Ghanaian photographers

Emmanuel and Samuel Appiah Gyan (born 3 April 1989), known professionally as Twins don't beg, stylised as Twinsdntbeg, are twin photographers in Ghana. The duo began photography in 2015 and have worked with celebrities and figures both locally and internationally. They are the official photographers of the Second Lady of Ghana, Samira Bawumia.

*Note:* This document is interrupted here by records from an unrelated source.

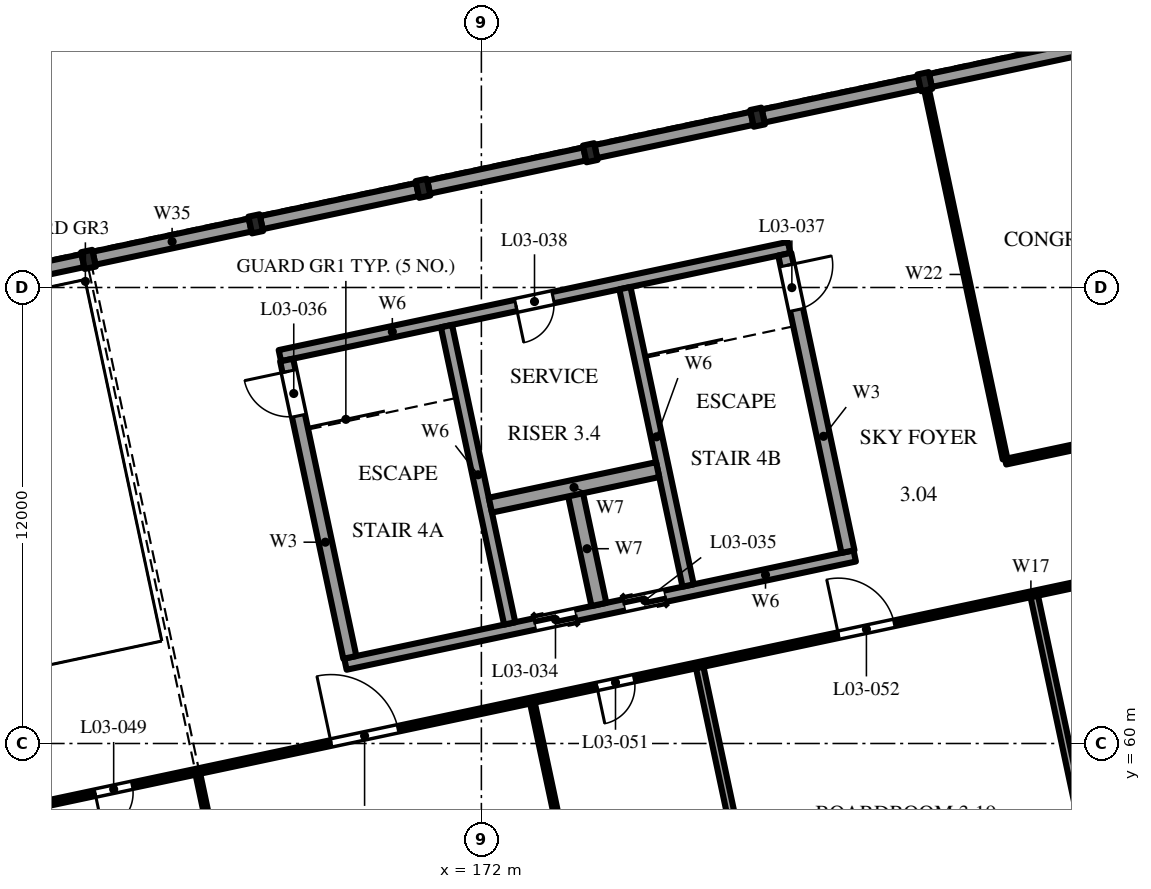
"""IFC4 building model, lengths in metres.
Left out: names, types, materials, properties, quantities, classifications, styles, units other than length and angle.
Written with IfcOpenShell. Run it as: python <this file> out.ifc"""

import sys

from ifc_helpers import new_model, si_unit, direction, frame, frame_2d, origin, origin_2d, place, context, subcontext, project, spatial, polyline, rectangle, i_section, outline, extrude, element, fill, save


model = new_model("IFC4")
c1 = context("Model", 3, precision=1e-05, world=origin(), true_north=direction((0.0, 1.0)))
c2 = subcontext(c1, "Body", "Model", "MODEL_VIEW")
j1 = project(units=[si_unit("LENGTHUNIT", "METRE"), si_unit("PLANEANGLEUNIT", "RADIAN")], contexts=[c1])
p1 = place(None, origin())
s1 = spatial("IfcSite", under=j1, at=p1, CompositionType="ELEMENT")
p2 = place(p1, origin())
s2 = spatial("IfcBuilding", under=s1, at=p2, CompositionType="ELEMENT")
p3 = place(p2, frame((0.0, 0.0, 16.8)))
s3 = spatial("IfcBuildingStorey", under=s2, at=p3, CompositionType="ELEMENT", Elevation=16.8)
for number, where, z_axis, x_axis in (
    (1, (161.661, 72.739, 0.0), (0.0, 0.0, 1.0), (0.978, 0.208, 0.0)),
    (2, (166.063, 73.675, 0.0), (0.0, 0.0, 1.0), (0.978, 0.208, 0.0)),
    (3, (170.464, 74.61, 0.0), (0.0, 0.0, 1.0), (0.978, 0.208, 0.0)),
    (4, (174.866, 75.546, 0.0), (0.0, 0.0, 1.0), (0.978, 0.208, 0.0)),
    (5, (179.268, 76.482, 0.0), (0.0, 0.0, 1.0), (0.978, 0.208, 0.0)),
    (6, (183.669, 77.417, 0.0), (0.0, 0.0, 1.0), (0.978, 0.208, 0.0)),
):
    element("IfcColumn", number, at=place(p3, frame(where, z_axis=z_axis, x_axis=x_axis)), inside=s3, PredefinedType="COLUMN", context=c2, shape_type="SweptSolid", body=[
        extrude(i_section(OverallWidth=0.3, OverallDepth=0.45, WebThickness=0.014, FlangeThickness=0.026, FilletRadius=0.027, at=origin_2d()), origin(), (0.0, 0.0, 1.0), 4.8),
    ])
p4 = place(p3, frame((166.698, 70.206, 0.0), z_axis=(0.0, 0.0, 1.0), x_axis=(0.978147662755, 0.20791139903, 0.0)))
e7 = element("IfcWall", 7, at=p4, inside=s3, PredefinedType="SHEAR", context=c2, shape_type="SweptSolid", body=[
    extrude(outline(polyline([(0.0, 0.0), (13.7, 0.0), (13.7, 12.494), (0.0, 11.761), (0.0, 0.0)])), frame((0.0, 0.15, 0.0), z_axis=(0.0, -1.0, 0.0), x_axis=(1.0, 0.0, 0.0)), (0.0, 0.0, 1.0), 0.3),
])
p5 = place(p4, frame((6.35, 0.0, 0.0)))
e8 = element("IfcOpeningElement", 8, at=p5, cuts=e7, PredefinedType="OPENING", context=c2, shape_type="SweptSolid", body=[
    extrude(rectangle(XDim=1.0, YDim=2.1, at=frame_2d((0.5, 1.05))), frame((0.0, 0.16, 0.0), z_axis=(0.0, -1.0, 0.0), x_axis=(1.0, 0.0, 0.0)), (0.0, 0.0, 1.0), 0.32),
])
p6 = place(p3, frame((168.423, 62.087, 0.0), z_axis=(0.0, 0.0, 1.0), x_axis=(0.978147662755, 0.20791139903, 0.0)))
e9 = element("IfcWall", 9, at=p6, inside=s3, PredefinedType="SHEAR", context=c2, shape_type="SweptSolid", body=[
    extrude(outline(polyline([(0.0, 0.0), (13.7, 0.0), (13.7, 12.929), (0.0, 12.196), (0.0, 0.0)])), frame((0.0, 0.15, 0.0), z_axis=(0.0, -1.0, 0.0), x_axis=(1.0, 0.0, 0.0)), (0.0, 0.0, 1.0), 0.3),
])
p7 = place(p6, frame((5.1, 0.0, 0.0)))
e10 = element("IfcOpeningElement", 10, at=p7, cuts=e9, PredefinedType="OPENING", context=c2, shape_type="SweptSolid", body=[
    extrude(rectangle(XDim=1.1, YDim=2.1, at=frame_2d((0.55, 1.05))), frame((0.0, 0.16, 0.0), z_axis=(0.0, -1.0, 0.0), x_axis=(1.0, 0.0, 0.0)), (0.0, 0.0, 1.0), 0.32),
])
p8 = place(p6, frame((7.5, 0.0, 0.0)))
e11 = element("IfcOpeningElement", 11, at=p8, cuts=e9, PredefinedType="OPENING", context=c2, shape_type="SweptSolid", body=[
    extrude(rectangle(XDim=1.1, YDim=2.1, at=frame_2d((0.55, 1.05))), frame((0.0, 0.16, 0.0), z_axis=(0.0, -1.0, 0.0), x_axis=(1.0, 0.0, 0.0)), (0.0, 0.0, 1.0), 0.32),
])
p9 = place(p3, frame((166.876, 70.091, 0.0), z_axis=(0.0, 0.0, 1.0), x_axis=(0.207915693476, -0.978146749934, 0.0)))
e12 = element("IfcWall", 12, at=p9, inside=s3, PredefinedType="SOLIDWALL", context=c2, shape_type="SweptSolid", body=[
    extrude(outline(polyline([(0.0, 0.0), (8.0, 0.0), (8.0, 12.196), (0.0, 11.777), (0.0, 0.0)])), frame((0.0, 0.175, 0.0), z_axis=(0.0, -1.0, 0.0), x_axis=(1.0, 0.0, 0.0)), (0.0, 0.0, 1.0), 0.35),
])
p10 = place(p9, frame((0.3, 0.0, 0.0)))
e13 = element("IfcOpeningElement", 13, at=p10, cuts=e12, PredefinedType="OPENING", context=c2, shape_type="SweptSolid", body=[
    extrude(rectangle(XDim=1.2, YDim=2.1, at=frame_2d((0.6, 1.05))), frame((0.0, 0.185, 0.0), z_axis=(0.0, -1.0, 0.0), x_axis=(1.0, 0.0, 0.0)), (0.0, 0.0, 1.0), 0.37),
])
p11 = place(p3, frame((179.983, 72.876, 0.0), z_axis=(0.0, 0.0, 1.0), x_axis=(0.207915693476, -0.978146749934, 0.0)))
e14 = element("IfcWall", 14, at=p11, inside=s3, PredefinedType="SOLIDWALL", context=c2, shape_type="SweptSolid", body=[
    extrude(outline(polyline([(0.0, 0.0), (8.0, 0.0), (8.0, 12.913), (0.0, 12.494), (0.0, 0.0)])), frame((0.0, 0.175, 0.0), z_axis=(0.0, -1.0, 0.0), x_axis=(1.0, 0.0, 0.0)), (0.0, 0.0, 1.0), 0.35),
])
p12 = place(p11, frame((0.3, 0.0, 0.0)))
e15 = element("IfcOpeningElement", 15, at=p12, cuts=e14, PredefinedType="OPENING", context=c2, shape_type="SweptSolid", body=[
    extrude(rectangle(XDim=1.2, YDim=2.1, at=frame_2d((0.6, 1.05))), frame((0.0, 0.185, 0.0), z_axis=(0.0, -1.0, 0.0), x_axis=(1.0, 0.0, 0.0)), (0.0, 0.0, 1.0), 0.37),
])
p13 = place(p3, frame((171.082, 70.985, 0.0), z_axis=(0.0, 0.0, 1.0), x_axis=(0.207915693476, -0.978146749934, 0.0)))
e16 = element("IfcWall", 16, at=p13, inside=s3, PredefinedType="SHEAR", context=c2, shape_type="SweptSolid", body=[
    extrude(outline(polyline([(0.0, 0.0), (8.0, 0.0), (8.0, 12.426), (0.0, 12.007), (0.0, 0.0)])), frame((0.0, 0.15, 0.0), z_axis=(0.0, -1.0, 0.0), x_axis=(1.0, 0.0, 0.0)), (0.0, 0.0, 1.0), 0.3),
])
p14 = place(p3, frame((175.777, 71.983, 0.0), z_axis=(0.0, 0.0, 1.0), x_axis=(0.207915693476, -0.978146749934, 0.0)))
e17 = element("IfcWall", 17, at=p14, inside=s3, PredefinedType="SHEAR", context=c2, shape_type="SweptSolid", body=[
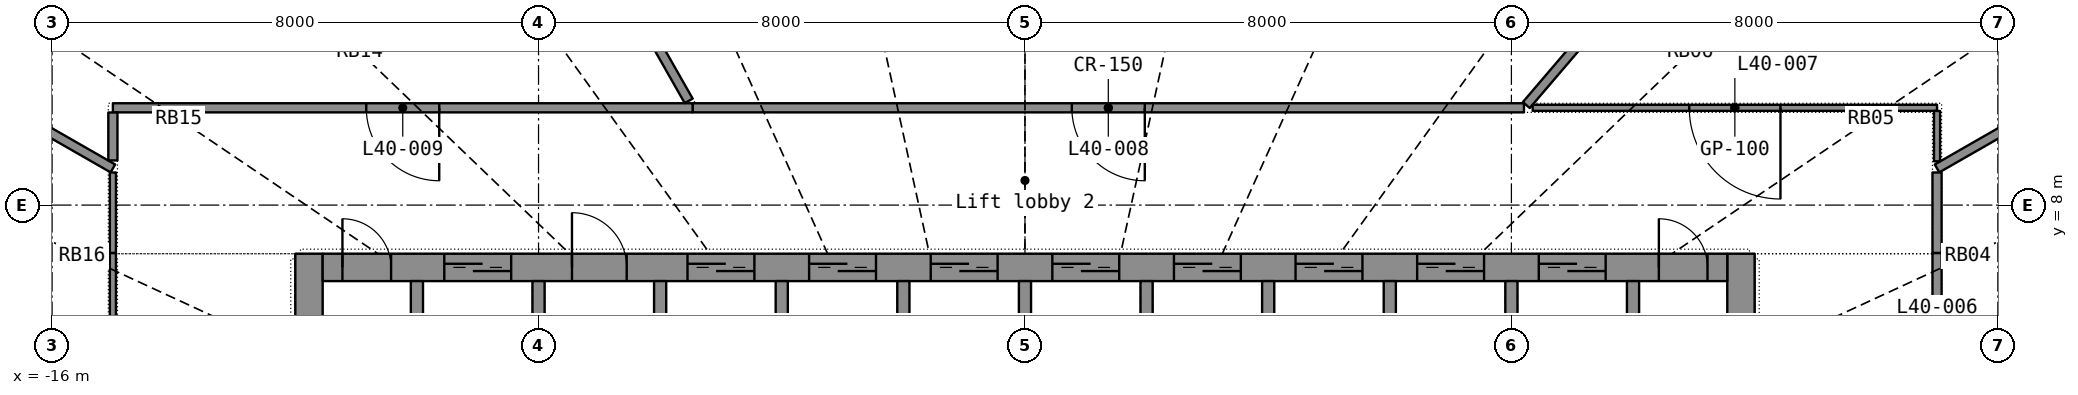
"""IFC4 building model, lengths in metres.
Left out: names, types, materials, properties, quantities, classifications, styles, units other than length and angle.
Written with IfcOpenShell. Run it as: python <this file> out.ifc"""

import sys

from ifc_helpers import new_model, si_unit, direction, frame, frame_2d, origin, place, context, subcontext, project, spatial, rectangle, extrude, element, fill, save


model = new_model("IFC4")
c1 = context("Model", 3, precision=1e-05, world=origin(), true_north=direction((0.0, 1.0)))
c2 = subcontext(c1, "Body", "Model", "MODEL_VIEW")
j1 = project(units=[si_unit("LENGTHUNIT", "METRE"), si_unit("PLANEANGLEUNIT", "RADIAN")], contexts=[c1])
p1 = place(None, origin())
s1 = spatial("IfcSite", under=j1, at=p1, CompositionType="ELEMENT")
p2 = place(p1, origin())
s2 = spatial("IfcBuilding", under=s1, at=p2, CompositionType="ELEMENT")
p3 = place(p2, frame((0.0, 0.0, 168.2)))
s3 = spatial("IfcBuildingStorey", under=s2, at=p3, CompositionType="ELEMENT", Elevation=168.2)
p4 = place(p3, frame((-11.775, -7.2, 0.0), z_axis=(0.0, 0.0, 1.0), x_axis=(0.0, 1.0, 0.0)))
e1 = element("IfcWall", 1, at=p4, inside=s3, PredefinedType="SHEAR", context=c2, shape_type="SweptSolid", body=[
    extrude(rectangle(XDim=14.4, YDim=0.45, at=frame_2d((7.2, 0.0))), origin(), (0.0, 0.0, 1.0), 3.3),
])
p5 = place(p4, frame((6.5, 0.0, 0.0)))
e2 = element("IfcOpeningElement", 2, at=p5, cuts=e1, PredefinedType="OPENING", context=c2, shape_type="SweptSolid", body=[
    extrude(rectangle(XDim=1.4, YDim=2.2, at=frame_2d((0.7, 1.1))), frame((0.0, 0.235, 0.0), z_axis=(0.0, -1.0, 0.0), x_axis=(1.0, 0.0, 0.0)), (0.0, 0.0, 1.0), 0.47),
])
p6 = place(p3, frame((11.775, -7.2, 0.0), z_axis=(0.0, 0.0, 1.0), x_axis=(0.0, 1.0, 0.0)))
e3 = element("IfcWall", 3, at=p6, inside=s3, PredefinedType="SHEAR", context=c2, shape_type="SweptSolid", body=[
    extrude(rectangle(XDim=14.4, YDim=0.45, at=frame_2d((7.2, 0.0))), origin(), (0.0, 0.0, 1.0), 3.3),
])
p7 = place(p6, frame((6.5, 0.0, 0.0)))
e4 = element("IfcOpeningElement", 4, at=p7, cuts=e3, PredefinedType="OPENING", context=c2, shape_type="SweptSolid", body=[
    extrude(rectangle(XDim=1.4, YDim=2.2, at=frame_2d((0.7, 1.1))), frame((0.0, 0.235, 0.0), z_axis=(0.0, -1.0, 0.0), x_axis=(1.0, 0.0, 0.0)), (0.0, 0.0, 1.0), 0.47),
])
p8 = place(p3, frame((-11.55, 6.975, 0.0), z_axis=(0.0, 0.0, 1.0), x_axis=(1.0, 0.0, 0.0)))
e5 = element("IfcWall", 5, at=p8, inside=s3, PredefinedType="SHEAR", context=c2, shape_type="SweptSolid", body=[
    extrude(rectangle(XDim=23.1, YDim=0.45, at=frame_2d((11.55, 0.0))), origin(), (0.0, 0.0, 1.0), 3.3),
])
p9 = place(p8, frame((2.0, 0.0, 0.0)))
e6 = element("IfcOpeningElement", 6, at=p9, cuts=e5, PredefinedType="OPENING", context=c2, shape_type="SweptSolid", body=[
    extrude(rectangle(XDim=1.1, YDim=2.2, at=frame_2d((0.55, 1.1))), frame((0.0, 0.235, 0.0), z_axis=(0.0, -1.0, 0.0), x_axis=(1.0, 0.0, 0.0)), (0.0, 0.0, 1.0), 0.47),
])
p10 = place(p8, frame((6.0, 0.0, 0.0)))
e7 = element("IfcOpeningElement", 7, at=p10, cuts=e5, PredefinedType="OPENING", context=c2, shape_type="SweptSolid", body=[
    extrude(rectangle(XDim=1.1, YDim=2.2, at=frame_2d((0.55, 1.1))), frame((0.0, 0.235, 0.0), z_axis=(0.0, -1.0, 0.0), x_axis=(1.0, 0.0, 0.0)), (0.0, 0.0, 1.0), 0.47),
])
p11 = place(p8, frame((8.0, 0.0, 0.0)))
e8 = element("IfcOpeningElement", 8, at=p11, cuts=e5, PredefinedType="OPENING", context=c2, shape_type="SweptSolid", body=[
    extrude(rectangle(XDim=1.1, YDim=2.2, at=frame_2d((0.55, 1.1))), frame((0.0, 0.235, 0.0), z_axis=(0.0, -1.0, 0.0), x_axis=(1.0, 0.0, 0.0)), (0.0, 0.0, 1.0), 0.47),
])
p12 = place(p8, frame((10.0, 0.0, 0.0)))
e9 = element("IfcOpeningElement", 9, at=p12, cuts=e5, PredefinedType="OPENING", context=c2, shape_type="SweptSolid", body=[
    extrude(rectangle(XDim=1.1, YDim=2.2, at=frame_2d((0.55, 1.1))), frame((0.0, 0.235, 0.0), z_axis=(0.0, -1.0, 0.0), x_axis=(1.0, 0.0, 0.0)), (0.0, 0.0, 1.0), 0.47),
])
p13 = place(p8, frame((12.0, 0.0, 0.0)))
e10 = element("IfcOpeningElement", 10, at=p13, cuts=e5, PredefinedType="OPENING", context=c2, shape_type="SweptSolid", body=[
    extrude(rectangle(XDim=1.1, YDim=2.2, at=frame_2d((0.55, 1.1))), frame((0.0, 0.235, 0.0), z_axis=(0.0, -1.0, 0.0), x_axis=(1.0, 0.0, 0.0)), (0.0, 0.0, 1.0), 0.47),
])
p14 = place(p8, frame((14.0, 0.0, 0.0)))
e11 = element("IfcOpeningElement", 11, at=p14, cuts=e5, PredefinedType="OPENING", context=c2, shape_type="SweptSolid", body=[
    extrude(rectangle(XDim=1.1, YDim=2.2, at=frame_2d((0.55, 1.1))), frame((0.0, 0.235, 0.0), z_axis=(0.0, -1.0, 0.0), x_axis=(1.0, 0.0, 0.0)), (0.0, 0.0, 1.0), 0.47),
])
p15 = place(p8, frame((16.0, 0.0, 0.0)))
e12 = element("IfcOpeningElement", 12, at=p15, cuts=e5, PredefinedType="OPENING", context=c2, shape_type="SweptSolid", body=[
    extrude(rectangle(XDim=1.1, YDim=2.2, at=frame_2d((0.55, 1.1))), frame((0.0, 0.235, 0.0), z_axis=(0.0, -1.0, 0.0), x_axis=(1.0, 0.0, 0.0)), (0.0, 0.0, 1.0), 0.47),
])
p16 = place(p8, frame((18.0, 0.0, 0.0)))
e13 = element("IfcOpeningElement", 13, at=p16, cuts=e5, PredefinedType="OPENING", context=c2, shape_type="SweptSolid", body=[
    extrude(rectangle(XDim=1.1, YDim=2.2, at=frame_2d((0.55, 1.1))), frame((0.0, 0.235, 0.0), z_axis=(0.0, -1.0, 0.0), x_axis=(1.0, 0.0, 0.0)), (0.0, 0.0, 1.0), 0.47),
])
p17 = place(p8, frame((20.0, 0.0, 0.0)))
e14 = element("IfcOpeningElement", 14, at=p17, cuts=e5, PredefinedType="OPENING", context=c2, shape_type="SweptSolid", body=[
    extrude(rectangle(XDim=1.1, YDim=2.2, at=frame_2d((0.55, 1.1))), frame((0.0, 0.235, 0.0), z_axis=(0.0, -1.0, 0.0), x_axis=(1.0, 0.0, 0.0)), (0.0, 0.0, 1.0), 0.47),
])
p18 = place(p8, frame((4.1, 0.0, 0.0)))
e15 = element("IfcOpeningElement", 15, at=p18, cuts=e5, PredefinedType="OPENING", context=c2, shape_type="SweptSolid", body=[
    extrude(rectangle(XDim=0.9, YDim=2.1, at=frame_2d((0.45, 1.05))), frame((0.0, 0.235, 0.0), z_axis=(0.0, -1.0, 0.0), x_axis=(1.0, 0.0, 0.0)), (0.0, 0.0, 1.0), 0.47),
])
p19 = place(p8, frame((0.325, 0.0, 0.0)))
e16 = element("IfcOpeningElement", 16, at=p19, cuts=e5, PredefinedType="OPENING", context=c2, shape_type="SweptSolid", body=[
    extrude(rectangle(XDim=0.8, YDim=2.05, at=frame_2d((0.4, 1.025))), frame((0.0, 0.235, 0.0), z_axis=(0.0, -1.0, 0.0), x_axis=(1.0, 0.0, 0.0)), (0.0, 0.0, 1.0), 0.47),
])
p20 = place(p8, frame((21.975, 0.0, 0.0)))
e17 = element("IfcOpeningElement", 17, at=p20, cuts=e5, PredefinedType="OPENING", context=c2, shape_type="SweptSolid", body=[
    extrude(rectangle(XDim=0.8, YDim=2.05, at=frame_2d((0.4, 1.025))), frame((0.0, 0.235, 0.0), z_axis=(0.0, -1.0, 0.0), x_axis=(1.0, 0.0, 0.0)), (0.0, 0.0, 1.0), 0.47),
])
for number, where, z_axis, x_axis in (
    (18, (-10.0, 3.9, 0.0), (0.0, 0.0, 1.0), (0.0, 1.0, 0.0)),
    (19, (-8.0, 3.9, 0.0), (0.0, 0.0, 1.0), (0.0, 1.0, 0.0)),
    (20, (-6.0, 3.9, 0.0), (0.0, 0.0, 1.0), (0.0, 1.0, 0.0)),
    (21, (-4.0, 3.9, 0.0), (0.0, 0.0, 1.0), (0.0, 1.0, 0.0)),
    (22, (-2.0, 3.9, 0.0), (0.0, 0.0, 1.0), (0.0, 1.0, 0.0)),
    (23, (0.0, 3.9, 0.0), (0.0, 0.0, 1.0), (0.0, 1.0, 0.0)),
    (24, (2.0, 3.9, 0.0), (0.0, 0.0, 1.0), (0.0, 1.0, 0.0)),
    (25, (4.0, 3.9, 0.0), (0.0, 0.0, 1.0), (0.0, 1.0, 0.0)),
    (26, (6.0, 3.9, 0.0), (0.0, 0.0, 1.0), (0.0, 1.0, 0.0)),
    (27, (8.0, 3.9, 0.0), (0.0, 0.0, 1.0), (0.0, 1.0, 0.0)),
    (28, (10.0, 3.9, 0.0), (0.0, 0.0, 1.0), (0.0, 1.0, 0.0)),
):
    element("IfcWall", number, at=place(p3, frame(where, z_axis=z_axis, x_axis=x_axis)), inside=s3, PredefinedType="SHEAR", context=c2, shape_type="SweptSolid", body=[
        extrude(rectangle(XDim=2.85, YDim=0.2, at=frame_2d((1.425, 0.0))), origin(), (0.0, 0.0, 1.0), 3.3),
    ])
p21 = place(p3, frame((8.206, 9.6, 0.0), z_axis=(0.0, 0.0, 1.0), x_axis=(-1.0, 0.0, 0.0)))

== Early life and education ==
Emmanuel and Samuel Appiah Gyan were born on 3 April 1989. They studied agriculture with a major in Post-Harvest Technology and Landscape Management and Architecture, respectively at the Kwame Nkrumah University of Science and Technology (KNUST), Kumasi, Ghana.

== Career ==
The duo began their professional photography in 2015. They have worked with Ghanaian personalities like President of the Republic of Ghana, Nana Akufo Addo, Becca, Akosua Vee, French ambassador Anne Sophie Avé, Efya, DKB, Jackie Appiah, Stonebwoy and Nana Ama McBrown.

== Honours and awards ==

- Winners of Best nightlife Photographers of the year at the Ghana Nightlife Awards.
- Most Influential Young Ghanaians in the Life Style Category of the Avance Media 50 Most Influential Young Ghanaians Awards 2018.
- Represented Ghana at the 51st NAACP Image Awards in California.